Just between you and me I am looking to join a large corp, in a totally different field than trees, and if a no- compete comes up I will probably not hesitate to sign it... but that's if they hire my bad attitude of course.

But you can see from the responses to this post how many of us smaller guys feel about it. I suppose the OP does have a valid point with his involved program of treatment but in layman's terms " you gotta have a lazy eye that twitches"


----------



## ropensaddle (May 24, 2010)

treemandan said:


> Ok, sure, BUT NOT FOR NO MOM AND POP TREE SERVICE.
> 
> I am pretty sure my wife signed one for the large corperation she is employeed with. But there is no way she could ever even begin to compete anyway. Not many could. In all actually she has signed papers that swear her to secrecy.
> Something like this no- compete isn't for anything but corparations where real secrets can be stolen. I dam near fell out the chair at the interview when they gave me that paper to sign.
> ...



yup a twichin eye and stories about buried trouble makers gets them thinking lol. Like the last guy that screwed me is buried under that mountain of brush then the twitch it works believe me lol.


----------



## fireemt799 (May 25, 2010)

thanks for the comments unfortunately being a government contract if i even remotely said anything like that id be sued for unfair labor practices intimidation and all of that stuff. The clauses in the contract they already have to sign including no smoking outside of a vehicle no contributing to political campaigns and so on. If they or me cut down a tree anywhere other than the project area until the project is over its trespassing even if its for personal use! Im just looking for a way to protect myself cause if i have any problems i will be banned from any future government contracts.


----------



## treemandan (May 25, 2010)

fireemt799 said:


> thanks for the comments unfortunately being a government contract if i even remotely said anything like that id be sued for unfair labor practices intimidation and all of that stuff. The clauses in the contract they already have to sign including no smoking outside of a vehicle no contributing to political campaigns and so on. If they or me cut down a tree anywhere other than the project area until the project is over its trespassing even if its for personal use! Im just looking for a way to protect myself cause if i have any problems i will be banned from any future government contracts.



oygavoltz!


----------



## BC WetCoast (May 27, 2010)

I'm not a lawyer, but would love to play one on TV if they paid me. However, from what I understand talking to lawyers, non-compete contracts you have employees sign that restrict their ability to get work should they leave your employ are very hard to enforce. 

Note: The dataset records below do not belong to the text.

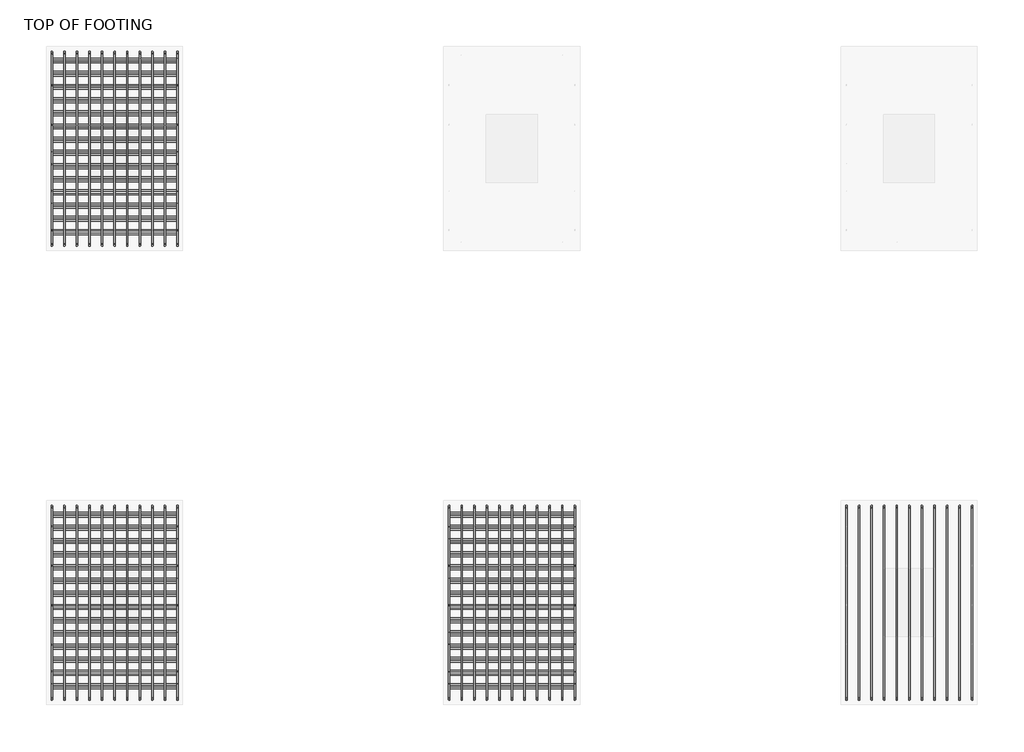
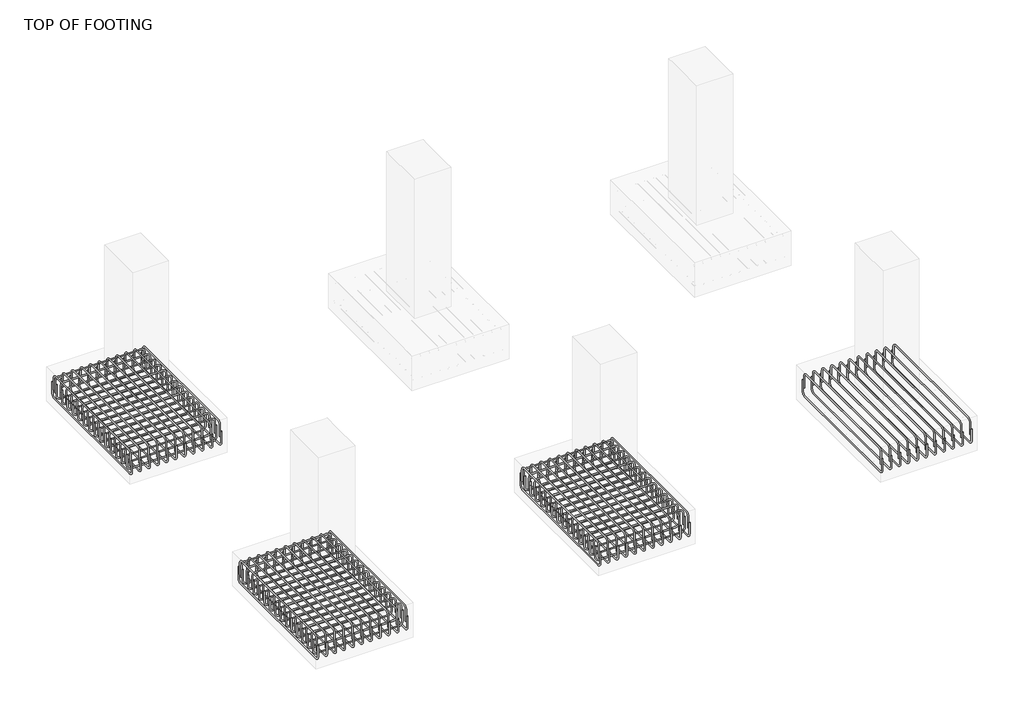
# One storey, part 3 of 11: 14 reinforcing bars.
"""IFC4 building model written with IfcOpenShell, lengths in millimetres."""

from ifc_helpers import new_model, si_unit, point, frame, origin, place, context, project, spatial, polyline, circle_curve, trimmed, segment, composite_curve, source, transform, mapped, element, save
from ifc_brep_helpers import swept_disk

model = new_model("IFC4")

# Units and contexts
model_context = context("Model", 3, world=origin())
ifc_project = project(units=[si_unit("LENGTHUNIT", "METRE", prefix="MILLI")], contexts=[model_context])

# Site, building, storey
site = spatial("IfcSite", under=ifc_project)
building = spatial("IfcBuilding", under=site)
storey = spatial("IfcBuildingStorey", under=building, Name="TOP OF FOOTING", Elevation=-1828.8)

# Reinforcing bars
placement = place(None, origin())
reinforcing_bar_shape = source(origin(), model_context, "Body", "SolidModel", [
    swept_disk(composite_curve([segment(polyline([(-8816.2384094, 6549.4712443, -2012.1658531), (-8816.2384094, 6549.4712443, -2159.4658531)]), True, "CONTINUOUS"), segment(trimmed(circle_curve(frame((-8816.2384094, 6595.8212443, -2159.4658531), z_axis=(1.0, 0.0, 0.0), x_axis=(0.0, -46.350000000000364, 0.0)), 46.35), [point((-8816.2384094, 6549.4712443, -2159.4658531))], [point((-8816.2384094, 6595.8212443, -2205.8158531))], True, "CARTESIAN"), True, "CONTINUOUS"), segment(polyline([(-8816.2384094, 6595.8212443, -2205.8158531), (-8816.2384094, 8210.4212443, -2205.8158531)]), True, "CONTINUOUS"), segment(trimmed(circle_curve(frame((-8816.2384094, 8210.4212443, -2159.4658531), z_axis=(1.0, 0.0, 0.0), x_axis=(0.0, 0.0, -46.34999999999991)), 46.35), [point((-8816.2384094, 8210.4212443, -2205.8158531))], [point((-8816.2384094, 8256.7712443, -2159.4658531))], True, "CARTESIAN"), True, "CONTINUOUS"), segment(polyline([(-8816.2384094, 8256.7712443, -2159.4658531), (-8816.2384094, 8256.7712443, -2012.1658531)]), True, "CONTINUOUS")], self_intersect=False), 6.35),
])
element("IfcReinforcingBar", 1, at=placement, inside=storey, context=model_context, shape_type="MappedRepresentation", body=[
    mapped(reinforcing_bar_shape, transform((0.0, 0.0, 0.0), x_axis=(1.0, 0.0, 0.0), y_axis=(0.0, 1.0, 0.0), z_axis=(0.0, 0.0, 1.0))),
    mapped(reinforcing_bar_shape, transform((-110.73, 0.0, 0.0), x_axis=(1.0, 0.0, 0.0), y_axis=(0.0, 1.0, 0.0), z_axis=(0.0, 0.0, 1.0))),
    mapped(reinforcing_bar_shape, transform((-221.46, 0.0, 0.0), x_axis=(1.0, 0.0, 0.0), y_axis=(0.0, 1.0, 0.0), z_axis=(0.0, 0.0, 1.0))),
    mapped(reinforcing_bar_shape, transform((-332.19, 0.0, 0.0), x_axis=(1.0, 0.0, 0.0), y_axis=(0.0, 1.0, 0.0), z_axis=(0.0, 0.0, 1.0))),
    mapped(reinforcing_bar_shape, transform((-442.92, 0.0, 0.0), x_axis=(1.0, 0.0, 0.0), y_axis=(0.0, 1.0, 0.0), z_axis=(0.0, 0.0, 1.0))),
    mapped(reinforcing_bar_shape, transform((-553.65, 0.0, 0.0), x_axis=(1.0, 0.0, 0.0), y_axis=(0.0, 1.0, 0.0), z_axis=(0.0, 0.0, 1.0))),
    mapped(reinforcing_bar_shape, transform((-664.38, 0.0, 0.0), x_axis=(1.0, 0.0, 0.0), y_axis=(0.0, 1.0, 0.0), z_axis=(0.0, 0.0, 1.0))),
    mapped(reinforcing_bar_shape, transform((-775.11, 0.0, 0.0), x_axis=(1.0, 0.0, 0.0), y_axis=(0.0, 1.0, 0.0), z_axis=(0.0, 0.0, 1.0))),
    mapped(reinforcing_bar_shape, transform((-885.84, 0.0, 0.0), x_axis=(1.0, 0.0, 0.0), y_axis=(0.0, 1.0, 0.0), z_axis=(0.0, 0.0, 1.0))),
    mapped(reinforcing_bar_shape, transform((-996.57, 0.0, 0.0), x_axis=(1.0, 0.0, 0.0), y_axis=(0.0, 1.0, 0.0), z_axis=(0.0, 0.0, 1.0))),
    mapped(reinforcing_bar_shape, transform((-1107.3, 0.0, 0.0), x_axis=(1.0, 0.0, 0.0), y_axis=(0.0, 1.0, 0.0), z_axis=(0.0, 0.0, 1.0))),
])
reinforcing_bar_2_shape = source(origin(), model_context, "Body", "SolidModel", [
    swept_disk(composite_curve([segment(polyline([(-9923.5384094, 6577.6603603, -2096.8914539), (-9923.5384094, 6577.6603603, -1949.5914539)]), True, "CONTINUOUS"), segment(trimmed(circle_curve(frame((-9923.5384094, 6624.0103603, -1949.5914539), z_axis=(-1.0, 0.0, 0.0), x_axis=(0.0, -46.349999999999454, 0.0)), 46.35), [point((-9923.5384094, 6577.6603603, -1949.5914539))], [point((-9923.5384094, 6624.0103603, -1903.2414539))], True, "CARTESIAN"), True, "CONTINUOUS"), segment(polyline([(-9923.5384094, 6624.0103603, -1903.2414539), (-9923.5384094, 8181.3238837, -1903.2414539)]), True, "CONTINUOUS"), segment(trimmed(circle_curve(frame((-9923.5384094, 8181.3238837, -1949.5914539), z_axis=(-1.0, 0.0, 0.0), x_axis=(0.0, 0.0, 46.350000000000136)), 46.35), [point((-9923.5384094, 8181.3238837, -1903.2414539))], [point((-9923.5384094, 8227.6738837, -1949.5914539))], True, "CARTESIAN"), True, "CONTINUOUS"), segment(polyline([(-9923.5384094, 8227.6738837, -1949.5914539), (-9923.5384094, 8227.6738837, -2096.8914539)]), True, "CONTINUOUS")], self_intersect=False), 6.35),
])
element("IfcReinforcingBar", 2, at=placement, inside=storey, context=model_context, shape_type="MappedRepresentation", body=[
    mapped(reinforcing_bar_2_shape, transform((0.0, 0.0, 0.0), x_axis=(1.0, 0.0, 0.0), y_axis=(0.0, 1.0, 0.0), z_axis=(0.0, 0.0, 1.0))),
    mapped(reinforcing_bar_2_shape, transform((110.73, 0.0, 0.0), x_axis=(1.0, 0.0, 0.0), y_axis=(0.0, 1.0, 0.0), z_axis=(0.0, 0.0, 1.0))),
    mapped(reinforcing_bar_2_shape, transform((221.46, 0.0, 0.0), x_axis=(1.0, 0.0, 0.0), y_axis=(0.0, 1.0, 0.0), z_axis=(0.0, 0.0, 1.0))),
    mapped(reinforcing_bar_2_shape, transform((332.19, 0.0, 0.0), x_axis=(1.0, 0.0, 0.0), y_axis=(0.0, 1.0, 0.0), z_axis=(0.0, 0.0, 1.0))),
    mapped(reinforcing_bar_2_shape, transform((442.92, 0.0, 0.0), x_axis=(1.0, 0.0, 0.0), y_axis=(0.0, 1.0, 0.0), z_axis=(0.0, 0.0, 1.0))),
    mapped(reinforcing_bar_2_shape, transform((553.65, 0.0, 0.0), x_axis=(1.0, 0.0, 0.0), y_axis=(0.0, 1.0, 0.0), z_axis=(0.0, 0.0, 1.0))),
    mapped(reinforcing_bar_2_shape, transform((664.38, 0.0, 0.0), x_axis=(1.0, 0.0, 0.0), y_axis=(0.0, 1.0, 0.0), z_axis=(0.0, 0.0, 1.0))),
    mapped(reinforcing_bar_2_shape, transform((775.11, 0.0, 0.0), x_axis=(1.0, 0.0, 0.0), y_axis=(0.0, 1.0, 0.0), z_axis=(0.0, 0.0, 1.0))),
    mapped(reinforcing_bar_2_shape, transform((885.84, 0.0, 0.0), x_axis=(1.0, 0.0, 0.0), y_axis=(0.0, 1.0, 0.0), z_axis=(0.0, 0.0, 1.0))),
    mapped(reinforcing_bar_2_shape, transform((996.57, 0.0, 0.0), x_axis=(1.0, 0.0, 0.0), y_axis=(0.0, 1.0, 0.0), z_axis=(0.0, 0.0, 1.0))),
    mapped(reinforcing_bar_2_shape, transform((1107.3, 0.0, 0.0), x_axis=(1.0, 0.0, 0.0), y_axis=(0.0, 1.0, 0.0), z_axis=(0.0, 0.0, 1.0))),
])
reinforcing_bar_3_shape = source(origin(), model_context, "Body", "SolidModel", [
    swept_disk(composite_curve([segment(polyline([(-9923.5384094, 6653.1930221, -1996.7664426), (-9923.5384094, 6653.1930221, -2144.0664426)]), True, "CONTINUOUS"), segment(trimmed(circle_curve(frame((-9877.1884094, 6653.1930221, -2144.0664426), z_axis=(0.0, -1.0, 0.0), x_axis=(-46.350000000000364, 0.0, 0.0)), 46.35), [point((-9923.5384094, 6653.1930221, -2144.0664426))], [point((-9877.1884094, 6653.1930221, -2190.4164426))], True, "CARTESIAN"), True, "CONTINUOUS"), segment(polyline([(-9877.1884094, 6653.1930221, -2190.4164426), (-8862.5884094, 6653.1930221, -2190.4164426)]), True, "CONTINUOUS"), segment(trimmed(circle_curve(frame((-8862.5884094, 6653.1930221, -2144.0664426), z_axis=(0.0, -1.0, 0.0), x_axis=(0.0, 0.0, -46.350000000000364)), 46.35), [point((-8862.5884094, 6653.1930221, -2190.4164426))], [point((-8816.2384094, 6653.1930221, -2144.0664426))], True, "CARTESIAN"), True, "CONTINUOUS"), segment(polyline([(-8816.2384094, 6653.1930221, -2144.0664426), (-8816.2384094, 6653.1930221, -1996.7664426)]), True, "CONTINUOUS")], self_intersect=False), 6.35),
])
element("IfcReinforcingBar", 3, at=placement, inside=storey, context=model_context, shape_type="MappedRepresentation", body=[
    mapped(reinforcing_bar_3_shape, transform((0.0, 0.0, 0.0), x_axis=(1.0, 0.0, 0.0), y_axis=(0.0, 1.0, 0.0), z_axis=(0.0, 0.0, 1.0))),
    mapped(reinforcing_bar_3_shape, transform((0.0, 116.2744005, 0.0), x_axis=(1.0, 0.0, 0.0), y_axis=(0.0, 1.0, 0.0), z_axis=(0.0, 0.0, 1.0))),
    mapped(reinforcing_bar_3_shape, transform((0.0, 232.5488009, 0.0), x_axis=(1.0, 0.0, 0.0), y_axis=(0.0, 1.0, 0.0), z_axis=(0.0, 0.0, 1.0))),
    mapped(reinforcing_bar_3_shape, transform((0.0, 348.8232014, 0.0), x_axis=(1.0, 0.0, 0.0), y_axis=(0.0, 1.0, 0.0), z_axis=(0.0, 0.0, 1.0))),
    mapped(reinforcing_bar_3_shape, transform((0.0, 465.0976018, 0.0), x_axis=(1.0, 0.0, 0.0), y_axis=(0.0, 1.0, 0.0), z_axis=(0.0, 0.0, 1.0))),
    mapped(reinforcing_bar_3_shape, transform((0.0, 581.3720023, 0.0), x_axis=(1.0, 0.0, 0.0), y_axis=(0.0, 1.0, 0.0), z_axis=(0.0, 0.0, 1.0))),
    mapped(reinforcing_bar_3_shape, transform((0.0, 697.6464027, 0.0), x_axis=(1.0, 0.0, 0.0), y_axis=(0.0, 1.0, 0.0), z_axis=(0.0, 0.0, 1.0))),
    mapped(reinforcing_bar_3_shape, transform((0.0, 813.9208032, 0.0), x_axis=(1.0, 0.0, 0.0), y_axis=(0.0, 1.0, 0.0), z_axis=(0.0, 0.0, 1.0))),
    mapped(reinforcing_bar_3_shape, transform((0.0, 930.1952036, 0.0), x_axis=(1.0, 0.0, 0.0), y_axis=(0.0, 1.0, 0.0), z_axis=(0.0, 0.0, 1.0))),
    mapped(reinforcing_bar_3_shape, transform((0.0, 1046.4696041, 0.0), x_axis=(1.0, 0.0, 0.0), y_axis=(0.0, 1.0, 0.0), z_axis=(0.0, 0.0, 1.0))),
    mapped(reinforcing_bar_3_shape, transform((0.0, 1162.7440045, 0.0), x_axis=(1.0, 0.0, 0.0), y_axis=(0.0, 1.0, 0.0), z_axis=(0.0, 0.0, 1.0))),
    mapped(reinforcing_bar_3_shape, transform((0.0, 1279.018405, 0.0), x_axis=(1.0, 0.0, 0.0), y_axis=(0.0, 1.0, 0.0), z_axis=(0.0, 0.0, 1.0))),
    mapped(reinforcing_bar_3_shape, transform((0.0, 1395.2928054, 0.0), x_axis=(1.0, 0.0, 0.0), y_axis=(0.0, 1.0, 0.0), z_axis=(0.0, 0.0, 1.0))),
    mapped(reinforcing_bar_3_shape, transform((0.0, 1511.5672059, 0.0), x_axis=(1.0, 0.0, 0.0), y_axis=(0.0, 1.0, 0.0), z_axis=(0.0, 0.0, 1.0))),
])
reinforcing_bar_4_shape = source(origin(), model_context, "Body", "SolidModel", [
    swept_disk(composite_curve([segment(polyline([(-9923.5384094, 8194.4257435, -2114.1958609), (-9923.5384094, 8194.4257435, -1966.8958609)]), True, "CONTINUOUS"), segment(trimmed(circle_curve(frame((-9877.1884094, 8194.4257435, -1966.8958609), z_axis=(0.0, 1.0, 0.0), x_axis=(-46.350000000000364, 0.0, 0.0)), 46.35), [point((-9923.5384094, 8194.4257435, -1966.8958609))], [point((-9877.1884094, 8194.4257435, -1920.5458609))], True, "CARTESIAN"), True, "CONTINUOUS"), segment(polyline([(-9877.1884094, 8194.4257435, -1920.5458609), (-8862.5884094, 8194.4257435, -1920.5458609)]), True, "CONTINUOUS"), segment(trimmed(circle_curve(frame((-8862.5884094, 8194.4257435, -1966.8958609), z_axis=(0.0, 1.0, 0.0), x_axis=(0.0, 0.0, 46.34999999999991)), 46.35), [point((-8862.5884094, 8194.4257435, -1920.5458609))], [point((-8816.2384094, 8194.4257435, -1966.8958609))], True, "CARTESIAN"), True, "CONTINUOUS"), segment(polyline([(-8816.2384094, 8194.4257435, -1966.8958609), (-8816.2384094, 8194.4257435, -2114.1958609)]), True, "CONTINUOUS")], self_intersect=False), 6.35),
])
element("IfcReinforcingBar", 4, at=placement, inside=storey, context=model_context, shape_type="MappedRepresentation", body=[
    mapped(reinforcing_bar_4_shape, transform((0.0, 0.0, 0.0), x_axis=(1.0, 0.0, 0.0), y_axis=(0.0, 1.0, 0.0), z_axis=(0.0, 0.0, 1.0))),
    mapped(reinforcing_bar_4_shape, transform((0.0, -116.1057918, 0.0), x_axis=(1.0, 0.0, 0.0), y_axis=(0.0, 1.0, 0.0), z_axis=(0.0, 0.0, 1.0))),
    mapped(reinforcing_bar_4_shape, transform((0.0, -232.2115836, 0.0), x_axis=(1.0, 0.0, 0.0), y_axis=(0.0, 1.0, 0.0), z_axis=(0.0, 0.0, 1.0))),
    mapped(reinforcing_bar_4_shape, transform((0.0, -348.3173754, 0.0), x_axis=(1.0, 0.0, 0.0), y_axis=(0.0, 1.0, 0.0), z_axis=(0.0, 0.0, 1.0))),
    mapped(reinforcing_bar_4_shape, transform((0.0, -464.4231672, 0.0), x_axis=(1.0, 0.0, 0.0), y_axis=(0.0, 1.0, 0.0), z_axis=(0.0, 0.0, 1.0))),
    mapped(reinforcing_bar_4_shape, transform((0.0, -580.528959, 0.0), x_axis=(1.0, 0.0, 0.0), y_axis=(0.0, 1.0, 0.0), z_axis=(0.0, 0.0, 1.0))),
    mapped(reinforcing_bar_4_shape, transform((0.0, -696.6347508, 0.0), x_axis=(1.0, 0.0, 0.0), y_axis=(0.0, 1.0, 0.0), z_axis=(0.0, 0.0, 1.0))),
    mapped(reinforcing_bar_4_shape, transform((0.0, -812.7405426, 0.0), x_axis=(1.0, 0.0, 0.0), y_axis=(0.0, 1.0, 0.0), z_axis=(0.0, 0.0, 1.0))),
    mapped(reinforcing_bar_4_shape, transform((0.0, -928.8463344, 0.0), x_axis=(1.0, 0.0, 0.0), y_axis=(0.0, 1.0, 0.0), z_axis=(0.0, 0.0, 1.0))),
    mapped(reinforcing_bar_4_shape, transform((0.0, -1044.9521262, 0.0), x_axis=(1.0, 0.0, 0.0), y_axis=(0.0, 1.0, 0.0), z_axis=(0.0, 0.0, 1.0))),
    mapped(reinforcing_bar_4_shape, transform((0.0, -1161.057918, 0.0), x_axis=(1.0, 0.0, 0.0), y_axis=(0.0, 1.0, 0.0), z_axis=(0.0, 0.0, 1.0))),
    mapped(reinforcing_bar_4_shape, transform((0.0, -1277.1637098, 0.0), x_axis=(1.0, 0.0, 0.0), y_axis=(0.0, 1.0, 0.0), z_axis=(0.0, 0.0, 1.0))),
    mapped(reinforcing_bar_4_shape, transform((0.0, -1393.2695016, 0.0), x_axis=(1.0, 0.0, 0.0), y_axis=(0.0, 1.0, 0.0), z_axis=(0.0, 0.0, 1.0))),
    mapped(reinforcing_bar_4_shape, transform((0.0, -1509.3752934, 0.0), x_axis=(1.0, 0.0, 0.0), y_axis=(0.0, 1.0, 0.0), z_axis=(0.0, 0.0, 1.0))),
])
reinforcing_bar_5_shape = source(origin(), model_context, "Body", "SolidModel", [
    swept_disk(composite_curve([segment(polyline([(-8816.2384094, 2549.4712443, -2012.1658531), (-8816.2384094, 2549.4712443, -2159.4658531)]), True, "CONTINUOUS"), segment(trimmed(circle_curve(frame((-8816.2384094, 2595.8212443, -2159.4658531), z_axis=(1.0, 0.0, 0.0), x_axis=(0.0, -46.350000000000364, 0.0)), 46.35), [point((-8816.2384094, 2549.4712443, -2159.4658531))], [point((-8816.2384094, 2595.8212443, -2205.8158531))], True, "CARTESIAN"), True, "CONTINUOUS"), segment(polyline([(-8816.2384094, 2595.8212443, -2205.8158531), (-8816.2384094, 4210.4212443, -2205.8158531)]), True, "CONTINUOUS"), segment(trimmed(circle_curve(frame((-8816.2384094, 4210.4212443, -2159.4658531), z_axis=(1.0, 0.0, 0.0), x_axis=(0.0, 0.0, -46.34999999999991)), 46.35), [point((-8816.2384094, 4210.4212443, -2205.8158531))], [point((-8816.2384094, 4256.7712443, -2159.4658531))], True, "CARTESIAN"), True, "CONTINUOUS"), segment(polyline([(-8816.2384094, 4256.7712443, -2159.4658531), (-8816.2384094, 4256.7712443, -2012.1658531)]), True, "CONTINUOUS")], self_intersect=False), 6.35),
])
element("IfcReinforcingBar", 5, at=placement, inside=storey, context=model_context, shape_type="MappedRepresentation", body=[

You can have them sign a contract that restricts their ability to do side jobs, but the penalty is usually loss of employment. 

If you have an employment contract with someone, and have to negotiate a settlement as a part of termination, then a non-compete can be part of the negotiated settlement. However, it has to be reasonable. That is, you can't prevent someone from making a living forever.

So, to sum up, if you are hiring a labourer, who through his job gains some specialized knowledge and skills, I don't think you can have him sign an enforceable non-compete that would prevent him from working in this field should he leave your employ. In other words, I don't think your could enforce a contract that would make him either change fields or move to another city.

You need to consult a lawyer, but this is my understanding of how Canadian courts would act in this situation.


----------



## Elephanthead (Nov 29, 2010)

:agree2:

These agreements are not enforceable in this situation. In effect you are forcing your employees to work for you forever, or never get another job doing what they know how to do. If you don't want to train people, poach another companies workers away from them.


----------